Sandra Douglass Morgan

Las Vegas Raiders
- Title: President

Personal information
- Born: April 10, 1978 (age 48) Knob Noster, Missouri, U.S.

Career information
- College: University of Nevada, Las Vegas (William S. Boyd School of Law)

Career history
- Las Vegas Raiders (2022–present) President;

= Sandra Douglass Morgan =

American attorney and sports executive (born 1978)
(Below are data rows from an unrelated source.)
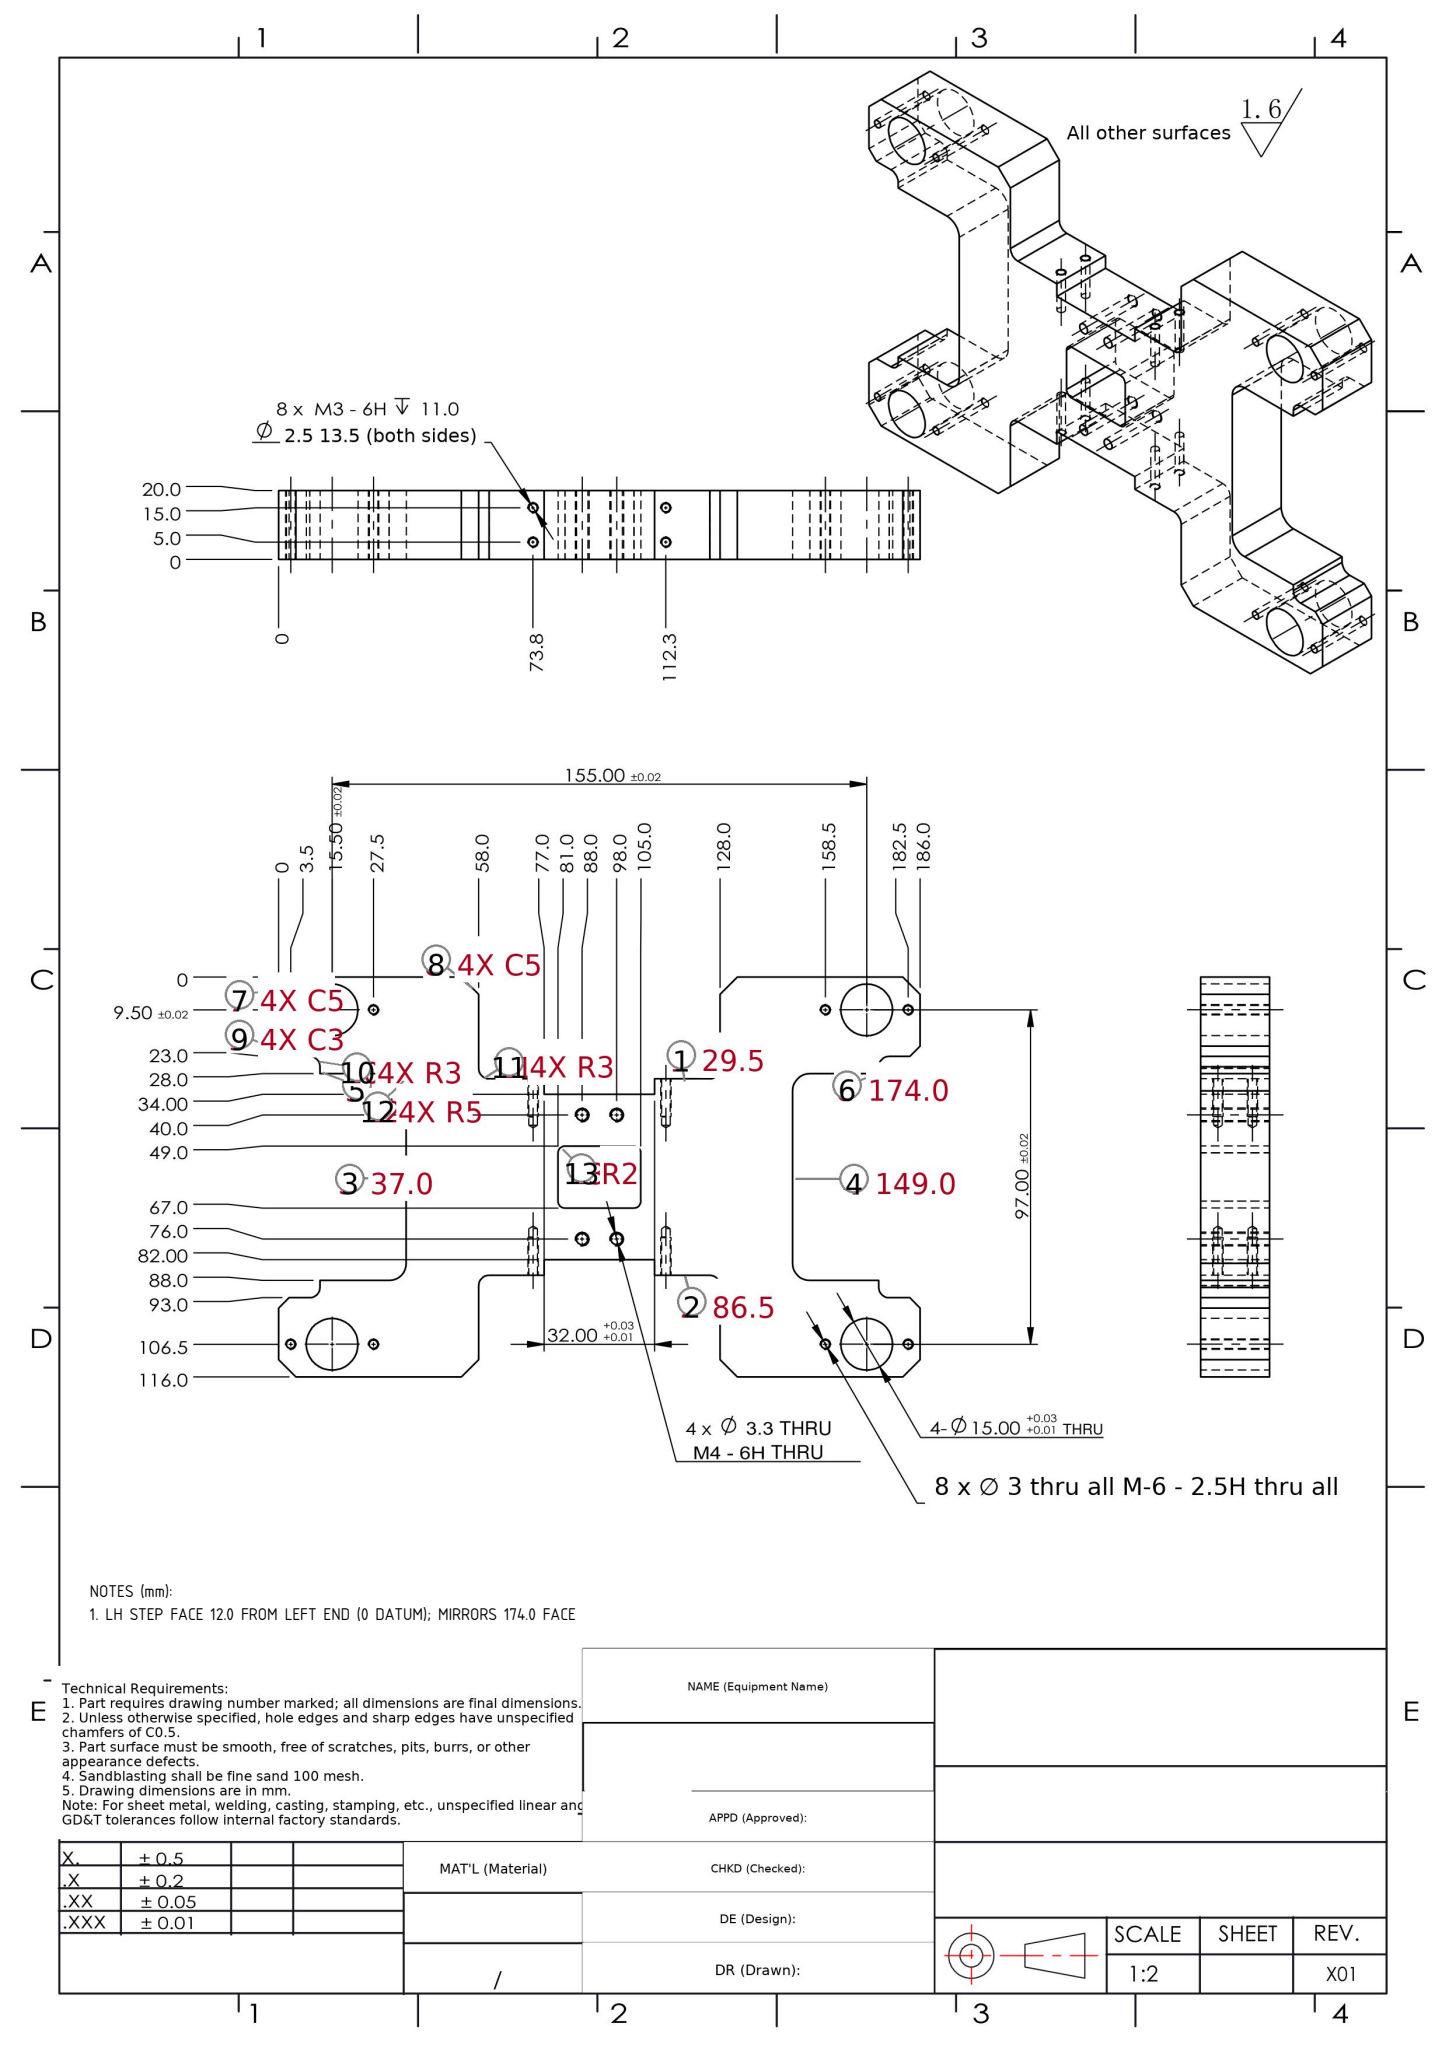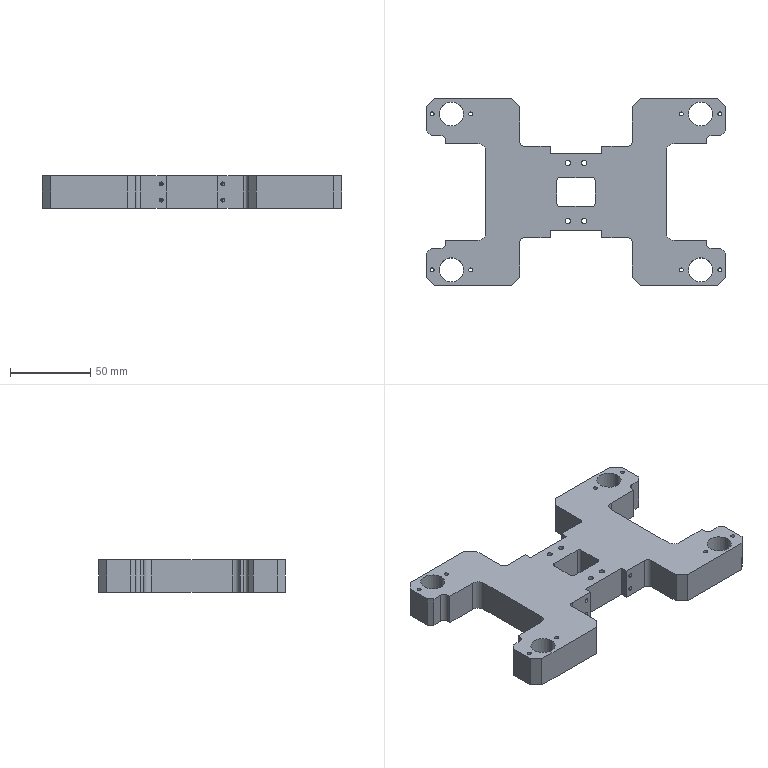Part | SolidWorks | mm | 1 solid | 134 faces | box 186 x 116 x 20 mm | volume 223220 mm3 | cylinder 64 | plane 54 | cone 16 | commonest cylinder face diameters 2.5 x32 3.3 x8 15 x8 6 x8 4 x4 10 x4
Drawing notes:
LH STEP FACE 12.0 FROM LEFT END (0 DATUM); MIRRORS 174.0 FACE | from the solid: axis_planes x=12.0 (2 faces), mirror of x=174.0 about bbox X=186.0 center
build123d program:
from build123d import *

# Parameters (mm, degrees)
SKETCH1_W                  = 190
SKETCH1_H                  = 130
BOSS_EXTRUDE1_DEPTH        = 20
SKETCH2_R                  = 7.5
CUT_EXTRUDE1_DEPTH         = 117.833
SKETCH6_W                  = 14
SKETCH6_H                  = 70
SKETCH6_W_2                = 70
SKETCH6_H_2                = 36.5
CUT_EXTRUDE5_DEPTH         = 117.833
CHAMFER1_SIZE              = 5
FILLET3_R                  = 3
M3_TAPPED_HOLE2_D          = 2.5
SKETCH28_W                 = 190
SKETCH28_H                 = 7
CUT_EXTRUDE11_DEPTH        = 117.833
SKETCH29_W                 = 2
SKETCH29_H                 = 116
CUT_EXTRUDE12_DEPTH        = 114.088
CHAMFER2_SIZE              = 5
SKETCH74_W                 = 32
SKETCH74_H                 = 4.5
CUT_EXTRUDE18_DEPTH        = 112.414
SKETCH75_W                 = 50
SKETCH75_H                 = 60
CUT_EXTRUDE19_DEPTH        = 112.414
M3_TAPPED_HOLE3_AT_2_COUNT = 2
M3_TAPPED_HOLE3_AT_2_PITCH = 10
M3_TAPPED_HOLE3_AT_3_COUNT = 2
M3_TAPPED_HOLE3_AT_3_PITCH = 38.5
M3_TAPPED_HOLE3_AT_4_COUNT = 2
M3_TAPPED_HOLE3_AT_4_PITCH = 39.778
SKETCH78_W                 = 24
SKETCH78_H                 = 18
CUT_EXTRUDE20_DEPTH        = 112.414
FILLET4_R                  = 2
M4_TAPPED_HOLE1_D          = 3.3
FILLET5_R                  = 5


with BuildPart() as part:
    # Sketch1 → Boss-Extrude1 (new body)
    with BuildSketch(Plane.XY):
        Rectangle(SKETCH1_W, SKETCH1_H)
    extrude(amount=BOSS_EXTRUDE1_DEPTH)

    # Sketch2 → Cut-Extrude1 (cut, through all)
    with BuildSketch(Plane.XY.offset(20)):
        with Locations((-77.5, 48.5)):
            Circle(SKETCH2_R)
        with Locations((-77.5, -48.5)):
            Circle(SKETCH2_R)
        with Locations((77.5, -48.5)):
            Circle(SKETCH2_R)
        with Locations((77.5, 48.5)):
            Circle(SKETCH2_R)
    extrude(amount=-CUT_EXTRUDE1_DEPTH, mode=Mode.SUBTRACT)

    # Sketch6 → Cut-Extrude5 (cut, through all)
    with BuildSketch(Plane(origin=(0, 0, 0), x_dir=(-1, 0, 0), z_dir=(0, 0, -1))):
        with Locations((-88, 0)):
            Rectangle(SKETCH6_W, SKETCH6_H)
        with Locations((0, 46.75)):
            Rectangle(SKETCH6_W_2, SKETCH6_H_2)
        with Locations((0, -46.75)):
            Rectangle(SKETCH6_W_2, SKETCH6_H_2)
        with Locations((88, 0)):
            Rectangle(SKETCH6_W, SKETCH6_H)
    extrude(amount=-CUT_EXTRUDE5_DEPTH, mode=Mode.SUBTRACT)

    # Chamfer1
    chamfer1_edges = [part.edges().sort_by_distance(p)[0] for p in [
        (95, -35, 10),
        (95, 35, 10),
        (35, 65, 10),
        (-35, 65, 10),
        (35, -65, 10),
        (-35, -65, 10),
        (95, -65, 10),
        (-95, -65, 10),
        (-95, 65, 10),
        (95, 65, 10),
        (-95, 35, 10),
        (-95, -35, 10),
    ]]
    chamfer(chamfer1_edges, length=CHAMFER1_SIZE)

    # Fillet3
    fillet3_edges = [part.edges().sort_by_distance(p)[0] for p in [
        (81, 35, 10),
        (81, -35, 10),
        (35, 28.5, 10),
        (-35, 28.5, 10),
        (35, -28.5, 10),
        (-35, -28.5, 10),
        (-81, -35, 10),
        (-81, 35, 10),
    ]]
    fillet(fillet3_edges, radius=FILLET3_R)

    # M3 Tapped Hole2 (through all)
    with Locations(Plane(origin=(0, 0, 0), x_dir=(-1, 0, 0), z_dir=(0, 0, -1))):
        with Locations((89.5, -48.5), (65.5, -48.5), (-65.5, -48.5), (-89.5, -48.5), (89.5, 48.5), (65.5, 48.5), (-65.5, 48.5), (-89.5, 48.5)):
            Hole(M3_TAPPED_HOLE2_D / 2)

    # Sketch28 → Cut-Extrude11 (cut, through all)
    with BuildSketch(Plane(origin=(0, 0, 0), x_dir=(-1, 0, 0), z_dir=(0, 0, -1))):
        with Locations((0, 61.5)):
            Rectangle(SKETCH28_W, SKETCH28_H)
        with Locations((0, -61.5)):
            Rectangle(SKETCH28_W, SKETCH28_H)
    extrude(amount=-CUT_EXTRUDE11_DEPTH, mode=Mode.SUBTRACT)

    # Sketch29 → Cut-Extrude12 (cut, through all)
    with BuildSketch(Plane(origin=(0, 0, 0), x_dir=(-1, 0, 0), z_dir=(0, 0, -1))):
        with Locations((-94, 0)):
            Rectangle(SKETCH29_W, SKETCH29_H)
        with Locations((94, 0)):
            Rectangle(SKETCH29_W, SKETCH29_H)
    extrude(amount=-CUT_EXTRUDE12_DEPTH, mode=Mode.SUBTRACT)

    # Chamfer2
    chamfer2_edges = [part.edges().sort_by_distance(p)[0] for p in [
        (-35, 58, 10),
        (35, 58, 10),
        (-35, -58, 10),
        (35, -58, 10),
        (93, 58, 10),
        (93, -58, 10),
        (-93, -58, 10),
        (-93, 58, 10),
    ]]
    chamfer(chamfer2_edges, length=CHAMFER2_SIZE)

    # Sketch74 → Cut-Extrude18 (cut, through all)
    with BuildSketch(Plane(origin=(0, 0, 0), x_dir=(-1, 0, 0), z_dir=(0, 0, -1))):
        with Locations((0, -26.25)):
            Rectangle(SKETCH74_W, SKETCH74_H)
        with Locations((0, 26.25)):
            Rectangle(SKETCH74_W, SKETCH74_H)
    extrude(amount=-CUT_EXTRUDE18_DEPTH, mode=Mode.SUBTRACT)

    # Sketch75 → Cut-Extrude19 (cut, through all)
    with BuildSketch(Plane.XY.offset(20)):
        with Locations((-81, 0)):
            Rectangle(SKETCH75_W, SKETCH75_H)
        with Locations((81, 0)):
            Rectangle(SKETCH75_W, SKETCH75_H)
    extrude(amount=-CUT_EXTRUDE19_DEPTH, mode=Mode.SUBTRACT)

    # Sketch76 → M3 Tapped Hole3 (revolve, cut)
    with BuildSketch(Plane(origin=(19.25, -28.5, 5), x_dir=(0, 0, -1), z_dir=(1, 0, 0))):
        Polygon((0, 0), (0, 14.251), (1.25, 13.5), (1.25, 0), align=None)
    m3_tapped_hole3 = revolve(axis=Axis((19.25, -34.85, 5), (0, 1, 0)), mode=Mode.SUBTRACT)

    # M3 Tapped Hole3 at 2: M3 Tapped Hole3 ×2
    with Locations(*[(0, 0, i * M3_TAPPED_HOLE3_AT_2_PITCH) for i in range(1, M3_TAPPED_HOLE3_AT_2_COUNT)]):
        add(m3_tapped_hole3, mode=Mode.SUBTRACT)

    # M3 Tapped Hole3 at 3: M3 Tapped Hole3 ×2
    with Locations(*[(-i * M3_TAPPED_HOLE3_AT_3_PITCH, 0, 0) for i in range(1, M3_TAPPED_HOLE3_AT_3_COUNT)]):
        add(m3_tapped_hole3, mode=Mode.SUBTRACT)

    # M3 Tapped Hole3 at 4: M3 Tapped Hole3 ×2
    with Locations(*[Vector(-0.9679, 0, 0.2514) * (i * M3_TAPPED_HOLE3_AT_4_PITCH) for i in range(1, M3_TAPPED_HOLE3_AT_4_COUNT)]):
        add(m3_tapped_hole3, mode=Mode.SUBTRACT)

    # Mirror1: M3 Tapped Hole3 across plane
    add(m3_tapped_hole3.mirror(Plane(origin=(0, 0, 0), x_dir=(0, 0, 1), z_dir=(0, -1, 0))), mode=Mode.SUBTRACT)

    # Mirror1 copy 1 sketch → Mirror1 copy 1 (revolve, cut)
    with BuildSketch(Plane(origin=(19.25, 28.5, 15), x_dir=(0, 0, -1), z_dir=(1, 0, 0))):
        Polygon((0, 0), (0, -14.251), (1.25, -13.5), (1.25, 0), align=None)
    revolve(axis=Axis((19.25, 34.85, 15), (0, 1, 0)), mode=Mode.SUBTRACT)

    # Mirror1 copy 2 sketch → Mirror1 copy 2 (revolve, cut)
    with BuildSketch(Plane(origin=(-19.25, 28.5, 5), x_dir=(0, 0, -1), z_dir=(1, 0, 0))):
        Polygon((0, 0), (0, -14.251), (1.25, -13.5), (1.25, 0), align=None)
    revolve(axis=Axis((-19.25, 34.85, 5), (0, 1, 0)), mode=Mode.SUBTRACT)

    # Mirror1 copy 3 sketch → Mirror1 copy 3 (revolve, cut)
    with BuildSketch(Plane(origin=(-19.25, 28.5, 15), x_dir=(0, 0, -1), z_dir=(1, 0, 0))):
        Polygon((0, 0), (0, -14.251), (1.25, -13.5), (1.25, 0), align=None)
    revolve(axis=Axis((-19.25, 34.85, 15), (0, 1, 0)), mode=Mode.SUBTRACT)

    # Sketch78 → Cut-Extrude20 (cut, through all)
    with BuildSketch(Plane(origin=(0, 0, 0), x_dir=(-1, 0, 0), z_dir=(0, 0, -1))):
        Rectangle(SKETCH78_W, SKETCH78_H)
    extrude(amount=-CUT_EXTRUDE20_DEPTH, mode=Mode.SUBTRACT)

    # Fillet4
    fillet4_edges = [part.edges().sort_by_distance(p)[0] for p in [
        (12, -9, 10),
        (12, 9, 10),
        (-12, 9, 10),
        (-12, -9, 10),
    ]]
    fillet(fillet4_edges, radius=FILLET4_R)

    # M4 Tapped Hole1 (through all)
    with Locations(Plane(origin=(0, 0, 0), x_dir=(-1, 0, 0), z_dir=(0, 0, -1))):
        with Locations((5, -18), (-5, -18), (5, 18), (-5, 18)):
            Hole(M4_TAPPED_HOLE1_D / 2)

    # Fillet5
    fillet5_edges = [part.edges().sort_by_distance(p)[0] for p in [
        (-56, -30, 10),
        (-56, 30, 10),
        (56, 30, 10),
        (56, -30, 10),
    ]]
    fillet(fillet5_edges, radius=FILLET5_R)


solid = part.part

Sandra Douglass Morgan (born April 10, 1978) is an American attorney and football executive who is the president of the Las Vegas Raiders of the National Football League. She is the first Black and Asian woman to serve as an NFL team president. Douglass Morgan previously served on the Nevada State Athletic Commission and was the chairwoman of the Nevada Gaming Control Board.

==Early life==
Douglass Morgan's father, Gilbert, is a Black American retired United States Air Force veteran. Her mother, Kil Cha, is Korean.

==Education==
Raised in Las Vegas, Douglass Morgan graduated from Eldorado High School, earned a bachelor's in political science and communication from the University of Nevada, Reno in 1999 before graduating from the University of Nevada, Las Vegas William S. Boyd School of Law with a Juris Doctor degree in 2003.

==Professional life==
Initially a defense attorney, Douglass Morgan later became a litigation attorney for The Mirage from 2005 to 2008, was the city attorney for North Las Vegas from 2008 to 2016 becoming the first Black person to hold such a role in Nevada, and director of external affairs for AT&T Services from 2016 to 2019. Later she joined the Nevada State Athletic Commission, the Nevada Gaming Commission and later the Nevada Gaming Control Board in 2019, appointed by Governor Steve Sisolak, becoming the first Black chair. During her tenure she introduced reforms - as the proposal to require to gaming companies to establish written policies against harassment and discrimination towards their own employees based on factors such as sex, race, color, gender identity, and national origin - and was responsible for closing and reopening casinos during the COVID-19 pandemic. In this period she also served in the State COVID-19 task force.

After leaving the control board Douglass Morgan joined the board of Caesars Entertainment as well as the boards of Fidelity National Financial, Inc., Allegiant Airlines, and Cerberus Cyber Sentinel. Morgan joined the law firm of Covington & Burling LLP as counsel in November 2021 and also ran her own consulting service, Douglass Morgan LLC. In December 2021 Douglass Morgan was also named vice chair of Las Vegas’ host committee for Super Bowl LVIII, which took place at Allegiant Stadium in February 2024.

On July 7, 2022, the Las Vegas Raiders announced Douglass Morgan as the new team president. The hiring made her the first black and asian female team president in the National Football League. She is also the third woman and third African-American in NFL history to become a president of an NFL team.

==Personal life==
Douglass Morgan is married to former Minnesota Vikings and Arizona Cardinals safety Don Morgan. The couple has two children.